Kann mir einer helfen und mir evtl. die Frage beantworten welche Funkfrequenzen in der Türkei freigegeben sind?

Es geht evtl. darum Signale an einem Rundtisch in einer Maschine via Funk zu übertragen.


----------



## nade (18 Februar 2011)

Hallo, das hat mir Googel ausgespuckt bei der Suche nach Funkfrequenzen Türkei:
Frequenzen

Vielleicht ein hilfts dir ja etwas weiter.


----------



## Boxy (18 Februar 2011)

nade schrieb:


> Hallo, das hat mir Googel ausgespuckt bei der Suche nach Funkfrequenzen Türkei:
> Frequenzen
> 
> Vielleicht ein hilfts dir ja etwas weiter.
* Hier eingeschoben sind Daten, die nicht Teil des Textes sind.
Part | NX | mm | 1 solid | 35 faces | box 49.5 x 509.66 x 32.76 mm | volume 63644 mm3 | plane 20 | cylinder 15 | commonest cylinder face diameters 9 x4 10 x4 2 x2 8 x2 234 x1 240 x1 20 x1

Danke, aber ich meine das ist für den Amateurfunk.
Ich dachte da eher an Datenübertragung.


----------



## MSB (18 Februar 2011)

Nimm halt einfach Bluetooth, da das mittlerweile praktisch jedes Handy hat, dürfte das auch in der Türkei kein Problem sein,
und ein Rundtisch lässt jetzt ja auch nicht auf eine riesige benötigte Reichweite schließen.

Mfg
Manuel


----------



## nade (18 Februar 2011)

Also meinte was in dem Text gesehen zu haben für Industrie. Auch sind für Amateurfunk meines wissens keine Frequenzen im Ghz Bereich.

In Deutschland der BOS-Funk 2m liegt bei 140-150 Mhz.

Da dürften also Frequenzbereiche >400Mhz, also Wlan, Bluetooth kein Problem machen.


----------